# Vertex/HHIP Keyless Chuck?



## HellawellCustoms (Mar 5, 2018)

New to milling and wondering if this is a decent drill chuck for the mill. It is listed on amazon.ca so I benefit from free shipping. Something I don't get often here in Canada. Anyways Here is the direct link, https://www.amazon.ca/HHIP-3701-150...=UTF8&qid=1520284765&sr=8-4&keywords=r8+chuck

Title says HHIP Picture says Vertex.  It's a lot of money so I was hoping to get opinions from anyone who has either heard of these or bought one themselves.


----------



## aliva (Mar 5, 2018)

Never heard HHIP. I checked their web site and couldn't find out where these chucks are made
 You could also check Travers tools Canada they have a good selection of chucks in all price ranges.
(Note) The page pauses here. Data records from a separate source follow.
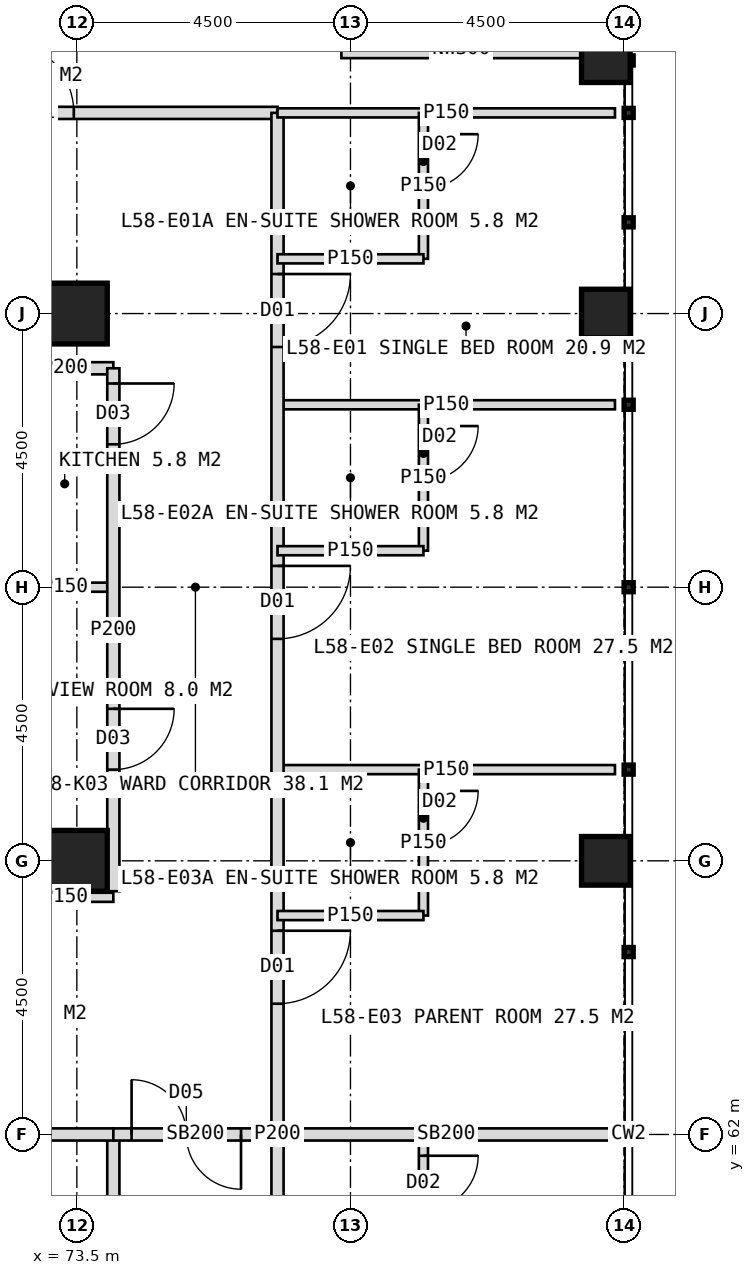
"""IFC4 building model, lengths in metres.
Left out: names, types, materials, properties, quantities, classifications, styles, units other than length and angle.
Written with IfcOpenShell. Run it as: python <this file> out.ifc"""

import sys

from ifc_helpers import new_model, si_unit, direction, frame, frame_2d, origin, origin_2d, place, context, subcontext, project, spatial, rectangle, hollow_rectangle, extrude, element, fill, save


model = new_model("IFC4")
c1 = context("Model", 3, precision=1e-05, world=origin(), true_north=direction((0.0, 1.0)))
c2 = subcontext(c1, "Body", "Model", "MODEL_VIEW")
j1 = project(units=[si_unit("LENGTHUNIT", "METRE"), si_unit("PLANEANGLEUNIT", "RADIAN")], contexts=[c1])
p1 = place(None, origin())
s1 = spatial("IfcSite", under=j1, at=p1, CompositionType="ELEMENT")
p2 = place(p1, origin())
s2 = spatial("IfcBuilding", under=s1, at=p2, CompositionType="ELEMENT")
p3 = place(p2, frame((0.0, 0.0, 241.0)))
s3 = spatial("IfcBuildingStorey", under=s2, at=p3, CompositionType="ELEMENT", Elevation=241.0)
for number, where, z_axis, x_axis in (
    (1, (73.5, 75.5, 0.0), (0.0, 0.0, 1.0), (1.0, 0.0, 0.0)),
    (2, (73.5, 66.5, 0.0), (0.0, 0.0, 1.0), (1.0, 0.0, 0.0)),
):
    element("IfcColumn", number, at=place(p3, frame(where, z_axis=z_axis, x_axis=x_axis)), inside=s3, PredefinedType="COLUMN", context=c2, shape_type="SweptSolid", body=[
        extrude(hollow_rectangle(XDim=1.0, YDim=1.0, WallThickness=0.1, at=origin_2d()), origin(), (0.0, 0.0, 1.0), 4.0),
    ])
for number, where, z_axis, x_axis in (
    (3, (82.2, 66.5, 0.0), (0.0, 0.0, 1.0), (1.0, 0.0, 0.0)),
    (4, (82.2, 75.5, 0.0), (0.0, 0.0, 1.0), (1.0, 0.0, 0.0)),
    (5, (82.2, 79.7, 0.0), (0.0, 0.0, 1.0), (1.0, 0.0, 0.0)),
):
    element("IfcColumn", number, at=place(p3, frame(where, z_axis=z_axis, x_axis=x_axis)), inside=s3, PredefinedType="COLUMN", context=c2, shape_type="SweptSolid", body=[
        extrude(hollow_rectangle(XDim=0.8, YDim=0.8, WallThickness=0.08, at=origin_2d()), origin(), (0.0, 0.0, 1.0), 4.0),
    ])
p4 = place(p3, frame((77.85, 79.85, 0.0), z_axis=(0.0, 0.0, 1.0), x_axis=(1.0, 0.0, 0.0)))
e6 = element("IfcWall", 6, at=p4, inside=s3, PredefinedType="ELEMENTEDWALL", context=c2, shape_type="SweptSolid", body=[
    extrude(rectangle(XDim=3.95, YDim=0.3, at=frame_2d((1.975, 0.0))), origin(), (0.0, 0.0, 1.0), 2.95),
])
p5 = place(p3, frame((43.2, 78.8, 0.0), z_axis=(0.0, 0.0, 1.0), x_axis=(1.0, 0.0, 0.0)))
e7 = element("IfcWall", 7, at=p5, inside=s3, PredefinedType="PARTITIONING", context=c2, shape_type="SweptSolid", body=[
    extrude(rectangle(XDim=33.6, YDim=0.2, at=frame_2d((16.8, 0.0))), origin(), (0.0, 0.0, 1.0), 3.75),
])
p6 = place(p5, frame((3.4, 0.0, 0.0)))
e8 = element("IfcOpeningElement", 8, at=p6, cuts=e7, PredefinedType="OPENING", context=c2, shape_type="SweptSolid", body=[
    extrude(rectangle(XDim=1.0, YDim=2.1, at=frame_2d((0.5, 1.05))), frame((0.0, 0.11, 0.0), z_axis=(0.0, -1.0, 0.0), x_axis=(1.0, 0.0, 0.0)), (0.0, 0.0, 1.0), 0.22),
])
p7 = place(p5, frame((11.05, 0.0, 0.0)))
e9 = element("IfcOpeningElement", 9, at=p7, cuts=e7, PredefinedType="OPENING", context=c2, shape_type="SweptSolid", body=[
    extrude(rectangle(XDim=1.2, YDim=2.2, at=frame_2d((0.6, 1.1))), frame((0.0, 0.11, 0.0), z_axis=(0.0, -1.0, 0.0), x_axis=(1.0, 0.0, 0.0)), (0.0, 0.0, 1.0), 0.22),
])
p8 = place(p5, frame((20.05, 0.0, 0.0)))
e10 = element("IfcOpeningElement", 10, at=p8, cuts=e7, PredefinedType="OPENING", context=c2, shape_type="SweptSolid", body=[
    extrude(rectangle(XDim=1.2, YDim=2.2, at=frame_2d((0.6, 1.1))), frame((0.0, 0.11, 0.0), z_axis=(0.0, -1.0, 0.0), x_axis=(1.0, 0.0, 0.0)), (0.0, 0.0, 1.0), 0.22),
])
p9 = place(p5, frame((29.05, 0.0, 0.0)))
e11 = element("IfcOpeningElement", 11, at=p9, cuts=e7, PredefinedType="OPENING", context=c2, shape_type="SweptSolid", body=[
    extrude(rectangle(XDim=1.2, YDim=2.2, at=frame_2d((0.6, 1.1))), frame((0.0, 0.11, 0.0), z_axis=(0.0, -1.0, 0.0), x_axis=(1.0, 0.0, 0.0)), (0.0, 0.0, 1.0), 0.22),
])
p10 = place(p3, frame((72.5, 74.6, 0.0), z_axis=(0.0, 0.0, 1.0), x_axis=(1.0, 0.0, 0.0)))
e12 = element("IfcWall", 12, at=p10, inside=s3, PredefinedType="PARTITIONING", context=c2, shape_type="SweptSolid", body=[
    extrude(rectangle(XDim=1.6, YDim=0.2, at=frame_2d((0.8, 0.0))), origin(), (0.0, 0.0, 1.0), 3.75),
])
for number, where, z_axis, x_axis in (
    (13, (76.8, 74.0, 0.0), (0.0, 0.0, 1.0), (1.0, 0.0, 0.0)),
    (14, (76.8, 68.0, 0.0), (0.0, 0.0, 1.0), (1.0, 0.0, 0.0)),
):
    element("IfcWall", number, at=place(p3, frame(where, z_axis=z_axis, x_axis=x_axis)), inside=s3, PredefinedType="PARTITIONING", context=c2, shape_type="SweptSolid", body=[
        extrude(rectangle(XDim=5.55, YDim=0.15, at=frame_2d((2.775, 0.0))), origin(), (0.0, 0.0, 1.0), 3.75),
    ])
p11 = place(p3, frame((76.8, 62.0, 0.0), z_axis=(0.0, 0.0, 1.0), x_axis=(1.0, 0.0, 0.0)))
e15 = element("IfcWall", 15, at=p11, inside=s3, PredefinedType="SOLIDWALL", context=c2, shape_type="SweptSolid", body=[
    extrude(rectangle(XDim=5.55, YDim=0.2, at=frame_2d((2.775, 0.0))), origin(), (0.0, 0.0, 1.0), 2.95),
])
p12 = place(p3, frame((76.8, 78.8, 0.0), z_axis=(0.0, 0.0, 1.0), x_axis=(0.0, -1.0, 0.0)))
e16 = element("IfcWall", 16, at=p12, inside=s3, PredefinedType="PARTITIONING", context=c2, shape_type="SweptSolid", body=[
    extrude(rectangle(XDim=33.6, YDim=0.2, at=frame_2d((16.8, 0.0))), origin(), (0.0, 0.0, 1.0), 3.75),
])
p13 = place(p12, frame((2.65, 0.0, 0.0)))
e17 = element("IfcOpeningElement", 17, at=p13, cuts=e16, PredefinedType="OPENING", context=c2, shape_type="SweptSolid", body=[
    extrude(rectangle(XDim=1.2, YDim=2.2, at=frame_2d((0.6, 1.1))), frame((0.0, 0.11, 0.0), z_axis=(0.0, -1.0, 0.0), x_axis=(1.0, 0.0, 0.0)), (0.0, 0.0, 1.0), 0.22),
])
p14 = place(p12, frame((7.45, 0.0, 0.0)))
e18 = element("IfcOpeningElement", 18, at=p14, cuts=e16, PredefinedType="OPENING", context=c2, shape_type="SweptSolid", body=[
    extrude(rectangle(XDim=1.2, YDim=2.2, at=frame_2d((0.6, 1.1))), frame((0.0, 0.11, 0.0), z_axis=(0.0, -1.0, 0.0), x_axis=(1.0, 0.0, 0.0)), (0.0, 0.0, 1.0), 0.22),
])
p15 = place(p12, frame((13.45, 0.0, 0.0)))
e19 = element("IfcOpeningElement", 19, at=p15, cuts=e16, PredefinedType="OPENING", context=c2, shape_type="SweptSolid", body=[
    extrude(rectangle(XDim=1.2, YDim=2.2, at=frame_2d((0.6, 1.1))), frame((0.0, 0.11, 0.0), z_axis=(0.0, -1.0, 0.0), x_axis=(1.0, 0.0, 0.0)), (0.0, 0.0, 1.0), 0.22),
])
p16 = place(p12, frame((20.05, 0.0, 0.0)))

I bought a ROHM from them last year pricey but very accurate I believe its made in either Spain or Germany. Travers ships from Montreal and the U.S.


----------



## mksj (Mar 5, 2018)

Vertex is a Taiwanese machine tool firm, they produce some very nice accurate tooling at mid range pricing. HHIP is a distributor, they sell a wide range of tooling, mostly from Asia. My experience with other Vertex tooling is that it is very well made to better tolerance than the generic stuff. The reviews on Amazon for this chuck are all very positive.  I have several Vertex collets and am considering one of their boring heads.


----------



## ChrisAttebery (Mar 5, 2018)

I can't give you an answer about the chuck in question, but I've purchased a bunch of R8 toolholders from HHIP for my G0704 CNC conversion. As a matter of fact I just ordered and received a couple more last week. They are decent quality at a good price and I wouldn't have any qualms ordering anything else from from them.


----------



## Nogoingback (Mar 5, 2018)

Glacern is another option:  I have one of their chucks on my lathe and like it.

https://www.glacern.com/drill_chucks


----------



## ronboult (Mar 6, 2018)

I have mixed views on Vertex products. My Vertex keyless drill chuck is very well made with minimal run out and I would probably buy another. 
However my 4” Milling lock down vice was pure junk with non parallel jaws and had to be replaced under waranty. The replacement vice is better but not great. It still lifts when you tighten. Would not buy another. If I had ready access to Glacern in Au they would be my choice.
Ron


----------



## mmcmdl (Mar 6, 2018)

A used Albreght would cost you half that price if you could find one on the bay . German made like Rohm , considered the industry standard .


----------



## Doubleeboy (Mar 6, 2018)

Vertex is probably among the best bang for the buck in higher end midpriced stuff from Taiwan and China.  If you want a nice Asian chuck you might try the ones from Shars, very nice, runout is very low, operates silky smooth.  I have one for one of my lathes and it compares favorably with Jacobs of recent manufacture and costs less. In last couple years Shars has really upped their game in terms of carrying quality items.  Pretty easy to spot them they cost more and list specs.


----------



## PT Doc (May 15, 2018)

When you say runout is low, how low?


----------



## f350ca (May 15, 2018)

I have an older Vertex rotary table and dividing head, both good quality Don't know if their new products are the same quality.
If this is the only chuck you'll have you might want to consider a keyed one. Keyless are nice but you shouldn't use them with reduced shank drills, they're only rated to the dia stated in this case 1/2, if you use a larger drill or hole saw they over tighten and you need a pipe wrench to open them. Don't ask how I know. They don't work well for power tapping, they release when you back the tap out or if the tap is big enough over tighten. See above. They're usually longer and use up height.
I have a 5/8th I believe its a Rhom, use it often but if I only had one chuck it would be keyed.

Greg


----------